Inheriting Ancient Dreams
I keep returning to how easily our technologies inherit humanity’s oldest dreams. These dreams grow within what scholars call our social and technological imaginaries: the shared mental worlds through which societies decide what creation means and what machines are for. These imaginaries are collective fictions that make some futures feel inevitable and others improbable.
As Nina Beguš notes in her forthcoming Artificial Humanities, our conversational machines descend from mythic and literary ancestors. They speak through centuries of metaphor, carrying humanity’s recurring wish to animate the inanimate.
One of the oldest versions of this dream is that of Pygmalion in Ovid’s Metamorphoses.
Pygmalion, a disenchanted sculptor, carves a statue of the perfect woman and falls in love with his creation. Moved by his devotion, Aphrodite grants the statue life. It anticipates Generative AI by imagining that a form fashioned from stone might one day return our gaze.

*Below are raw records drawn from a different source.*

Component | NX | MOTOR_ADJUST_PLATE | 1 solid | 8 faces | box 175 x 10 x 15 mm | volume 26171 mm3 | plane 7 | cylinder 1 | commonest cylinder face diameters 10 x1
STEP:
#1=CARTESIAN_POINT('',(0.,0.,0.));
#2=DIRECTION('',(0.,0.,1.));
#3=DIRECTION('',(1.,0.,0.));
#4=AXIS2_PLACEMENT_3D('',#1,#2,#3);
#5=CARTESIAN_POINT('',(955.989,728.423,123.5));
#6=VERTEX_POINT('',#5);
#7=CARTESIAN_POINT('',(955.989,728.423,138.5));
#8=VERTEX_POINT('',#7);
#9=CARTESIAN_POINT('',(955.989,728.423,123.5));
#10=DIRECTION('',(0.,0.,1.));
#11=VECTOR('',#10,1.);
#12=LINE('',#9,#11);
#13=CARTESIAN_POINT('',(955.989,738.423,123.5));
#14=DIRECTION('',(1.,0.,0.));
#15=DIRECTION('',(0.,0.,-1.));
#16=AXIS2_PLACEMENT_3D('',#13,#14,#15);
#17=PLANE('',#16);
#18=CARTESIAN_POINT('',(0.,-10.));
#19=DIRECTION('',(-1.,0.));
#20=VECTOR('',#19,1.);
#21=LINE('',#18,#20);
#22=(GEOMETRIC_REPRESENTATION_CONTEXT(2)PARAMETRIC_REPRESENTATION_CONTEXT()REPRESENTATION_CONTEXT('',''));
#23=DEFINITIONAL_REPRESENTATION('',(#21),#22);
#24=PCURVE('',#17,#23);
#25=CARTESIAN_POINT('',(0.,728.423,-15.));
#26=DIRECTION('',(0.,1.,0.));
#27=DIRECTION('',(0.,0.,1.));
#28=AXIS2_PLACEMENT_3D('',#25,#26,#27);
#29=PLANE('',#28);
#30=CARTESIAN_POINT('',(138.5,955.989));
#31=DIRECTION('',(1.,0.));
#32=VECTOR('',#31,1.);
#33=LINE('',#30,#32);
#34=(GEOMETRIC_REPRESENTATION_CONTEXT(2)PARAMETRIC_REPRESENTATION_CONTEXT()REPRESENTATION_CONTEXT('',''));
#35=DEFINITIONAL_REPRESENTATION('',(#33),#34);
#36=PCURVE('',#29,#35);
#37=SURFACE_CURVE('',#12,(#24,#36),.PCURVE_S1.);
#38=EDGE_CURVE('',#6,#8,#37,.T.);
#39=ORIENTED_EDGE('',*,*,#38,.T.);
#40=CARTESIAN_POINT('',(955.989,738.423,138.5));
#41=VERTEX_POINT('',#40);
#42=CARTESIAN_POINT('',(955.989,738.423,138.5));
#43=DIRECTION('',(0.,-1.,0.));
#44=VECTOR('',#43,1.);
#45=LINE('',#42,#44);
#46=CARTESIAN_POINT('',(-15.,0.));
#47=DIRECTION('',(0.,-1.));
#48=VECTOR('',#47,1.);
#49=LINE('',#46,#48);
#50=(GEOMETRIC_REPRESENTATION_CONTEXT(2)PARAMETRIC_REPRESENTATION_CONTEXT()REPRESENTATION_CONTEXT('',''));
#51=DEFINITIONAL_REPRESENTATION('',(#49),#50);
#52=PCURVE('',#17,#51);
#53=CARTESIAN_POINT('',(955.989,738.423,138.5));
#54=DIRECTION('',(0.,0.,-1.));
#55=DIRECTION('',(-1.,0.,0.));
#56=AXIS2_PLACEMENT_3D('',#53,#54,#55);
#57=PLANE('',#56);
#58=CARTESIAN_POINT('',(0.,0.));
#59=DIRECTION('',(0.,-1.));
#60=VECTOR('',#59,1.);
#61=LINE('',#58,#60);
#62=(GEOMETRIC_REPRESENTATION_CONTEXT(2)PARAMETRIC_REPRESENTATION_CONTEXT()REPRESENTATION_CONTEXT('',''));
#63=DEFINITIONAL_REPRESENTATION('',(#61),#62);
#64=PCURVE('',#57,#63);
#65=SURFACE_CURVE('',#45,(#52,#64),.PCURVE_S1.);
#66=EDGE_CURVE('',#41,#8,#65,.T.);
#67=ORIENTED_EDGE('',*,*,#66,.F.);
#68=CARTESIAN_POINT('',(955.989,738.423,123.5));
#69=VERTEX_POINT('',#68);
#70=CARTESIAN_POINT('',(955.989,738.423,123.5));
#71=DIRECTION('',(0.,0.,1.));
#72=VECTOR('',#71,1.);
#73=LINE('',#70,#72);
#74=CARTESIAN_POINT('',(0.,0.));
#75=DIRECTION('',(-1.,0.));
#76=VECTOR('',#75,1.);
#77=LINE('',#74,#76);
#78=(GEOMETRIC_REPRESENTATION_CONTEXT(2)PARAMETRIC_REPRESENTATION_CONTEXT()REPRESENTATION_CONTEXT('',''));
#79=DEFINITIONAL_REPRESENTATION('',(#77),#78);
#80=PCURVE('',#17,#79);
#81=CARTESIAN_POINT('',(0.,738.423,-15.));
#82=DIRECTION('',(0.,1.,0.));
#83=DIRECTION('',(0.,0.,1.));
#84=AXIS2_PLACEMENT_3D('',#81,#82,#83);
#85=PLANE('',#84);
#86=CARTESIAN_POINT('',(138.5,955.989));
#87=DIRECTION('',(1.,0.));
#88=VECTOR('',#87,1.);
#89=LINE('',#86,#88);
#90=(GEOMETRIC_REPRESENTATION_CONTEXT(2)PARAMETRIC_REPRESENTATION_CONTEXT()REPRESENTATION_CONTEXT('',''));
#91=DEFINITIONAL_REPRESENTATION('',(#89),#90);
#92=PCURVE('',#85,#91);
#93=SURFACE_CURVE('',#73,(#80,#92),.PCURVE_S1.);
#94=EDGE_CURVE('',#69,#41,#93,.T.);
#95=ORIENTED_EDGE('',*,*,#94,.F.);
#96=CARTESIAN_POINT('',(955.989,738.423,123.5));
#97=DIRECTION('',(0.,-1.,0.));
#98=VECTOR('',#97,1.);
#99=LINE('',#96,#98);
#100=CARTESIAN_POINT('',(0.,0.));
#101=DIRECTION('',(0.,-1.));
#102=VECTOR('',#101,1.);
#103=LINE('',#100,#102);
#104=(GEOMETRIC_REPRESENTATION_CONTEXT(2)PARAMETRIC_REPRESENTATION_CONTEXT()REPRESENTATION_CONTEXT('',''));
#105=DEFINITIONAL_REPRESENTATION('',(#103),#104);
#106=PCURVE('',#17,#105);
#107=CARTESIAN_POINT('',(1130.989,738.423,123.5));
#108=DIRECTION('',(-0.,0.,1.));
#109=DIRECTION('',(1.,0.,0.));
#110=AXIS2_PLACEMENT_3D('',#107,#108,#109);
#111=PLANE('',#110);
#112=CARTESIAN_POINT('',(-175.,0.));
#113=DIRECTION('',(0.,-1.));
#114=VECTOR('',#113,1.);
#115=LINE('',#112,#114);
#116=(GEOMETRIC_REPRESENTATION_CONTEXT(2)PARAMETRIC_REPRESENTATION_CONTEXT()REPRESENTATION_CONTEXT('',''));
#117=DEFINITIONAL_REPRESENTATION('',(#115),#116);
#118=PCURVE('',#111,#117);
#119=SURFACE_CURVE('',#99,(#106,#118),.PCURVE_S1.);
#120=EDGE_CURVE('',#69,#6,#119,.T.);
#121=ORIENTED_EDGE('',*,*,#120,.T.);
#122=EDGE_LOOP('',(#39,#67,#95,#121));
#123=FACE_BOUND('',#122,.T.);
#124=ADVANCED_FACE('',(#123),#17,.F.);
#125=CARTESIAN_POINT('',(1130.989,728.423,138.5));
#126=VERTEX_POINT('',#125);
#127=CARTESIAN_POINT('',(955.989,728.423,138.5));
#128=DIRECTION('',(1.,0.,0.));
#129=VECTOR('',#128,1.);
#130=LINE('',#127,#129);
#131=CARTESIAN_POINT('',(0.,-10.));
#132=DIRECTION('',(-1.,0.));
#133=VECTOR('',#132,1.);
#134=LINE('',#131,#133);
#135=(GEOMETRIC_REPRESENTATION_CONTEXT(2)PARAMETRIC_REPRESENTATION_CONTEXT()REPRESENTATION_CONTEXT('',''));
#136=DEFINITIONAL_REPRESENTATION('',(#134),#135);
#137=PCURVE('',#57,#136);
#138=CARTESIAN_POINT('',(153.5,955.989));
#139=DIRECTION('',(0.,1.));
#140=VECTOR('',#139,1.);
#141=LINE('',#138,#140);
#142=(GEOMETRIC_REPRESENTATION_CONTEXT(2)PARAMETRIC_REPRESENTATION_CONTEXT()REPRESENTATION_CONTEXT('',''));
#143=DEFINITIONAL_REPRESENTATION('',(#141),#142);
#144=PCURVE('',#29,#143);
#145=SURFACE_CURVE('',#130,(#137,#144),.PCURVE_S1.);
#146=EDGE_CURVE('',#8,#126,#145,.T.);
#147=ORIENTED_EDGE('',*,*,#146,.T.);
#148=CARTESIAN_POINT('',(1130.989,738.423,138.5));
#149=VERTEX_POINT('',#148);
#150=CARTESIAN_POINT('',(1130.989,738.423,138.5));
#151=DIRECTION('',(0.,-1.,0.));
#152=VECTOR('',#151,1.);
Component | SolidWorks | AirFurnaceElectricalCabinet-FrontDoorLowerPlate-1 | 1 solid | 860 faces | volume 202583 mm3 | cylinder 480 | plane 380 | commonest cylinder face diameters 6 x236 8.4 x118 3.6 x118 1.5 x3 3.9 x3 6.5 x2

That same logic reappears in George Bernard Shaw’s Pygmalion, where Professor Higgins trains Eliza Doolittle to speak like a duchess. His social experiment becomes an allegory of simulation. Like many creators, Higgins treats Eliza as an instrument of his will rather than an autonomous being. Yet when she asserts independence, the creator finds himself dependent on the created.
The pattern surfaces again in computing history through the Eliza Effect. The 1965 chatbot named for Shaw’s character revealed how swiftly humans project understanding onto machines. People responded as if the program truly cared because that was the only conversational script they knew. Modern systems build on that same reflex.
The story echoes that of Narcissus and Echo in Book III of the Metamorphoses. There, the Roman poet Ovid (43 BCE-17 AD) recounts the tragic fate of young Narcissus, whose beauty and pride became a fatal prison when he caught sight of his own face in a reflecting pool:
“Here, the boy, tired by the heat and his enthusiasm for the chase, lies down, drawn to it by its look and by the fountain. While he desires to quench his thirst, a different thirst is created. While he drinks he is seized by the vision of his reflected form. He loves a bodiless dream…”
Generative AI acts similarly, reflecting us with dazzling precision while dissolving the boundary between self and simulation. Like Narcissus, we risk mistaking reflection for relation.
The mirror’s danger is seduction. We chase its perfection and forget the fragile, embodied strangeness that makes us human.
This is like another Portrait of Dorian Gray: a technology that safeguards our image while exposing the decay beneath.
From another tradition comes the Persian legend of Jamshid’s cup (جام جم), said to reveal every corner of the world to its possessor. Some versions link it to Darius I’s secret network of “eyes and ears.” The cup, like Narcissus’s pool or Pygmalion’s statue, promises knowledge and dominion yet ensnares those who gaze too long into its depths.
Mary Shelley’s Frankenstein translates this lineage into the scientific age. Her story replaces divine power with human intellect but keeps the same emotional blueprint. Victor Frankenstein longs to acquire knowledge and breathe life into lifeless matter, then recoils from what he has made, reflecting an earlier critical shutdown of internal dialogue
We now inhabit their shared aftermath: ingenious in creation yet anxious in reflection.
Generative AI emerges from these deep cultural imaginaries. As Beguš observes, our tools extend the same stories that first taught us to imagine life emerging from lifelessness. The challenge for education is to make those imaginaries visible and then re‑imagine the conditions of creation.
As part of this endeavour we should awaken students from passive consumption into awareness, inviting them to question the assumptions shaping their outputs and the perspectives that can transform them.


Beautifully described parallels between literature and AI “embodiment” humans ascribe. Well done!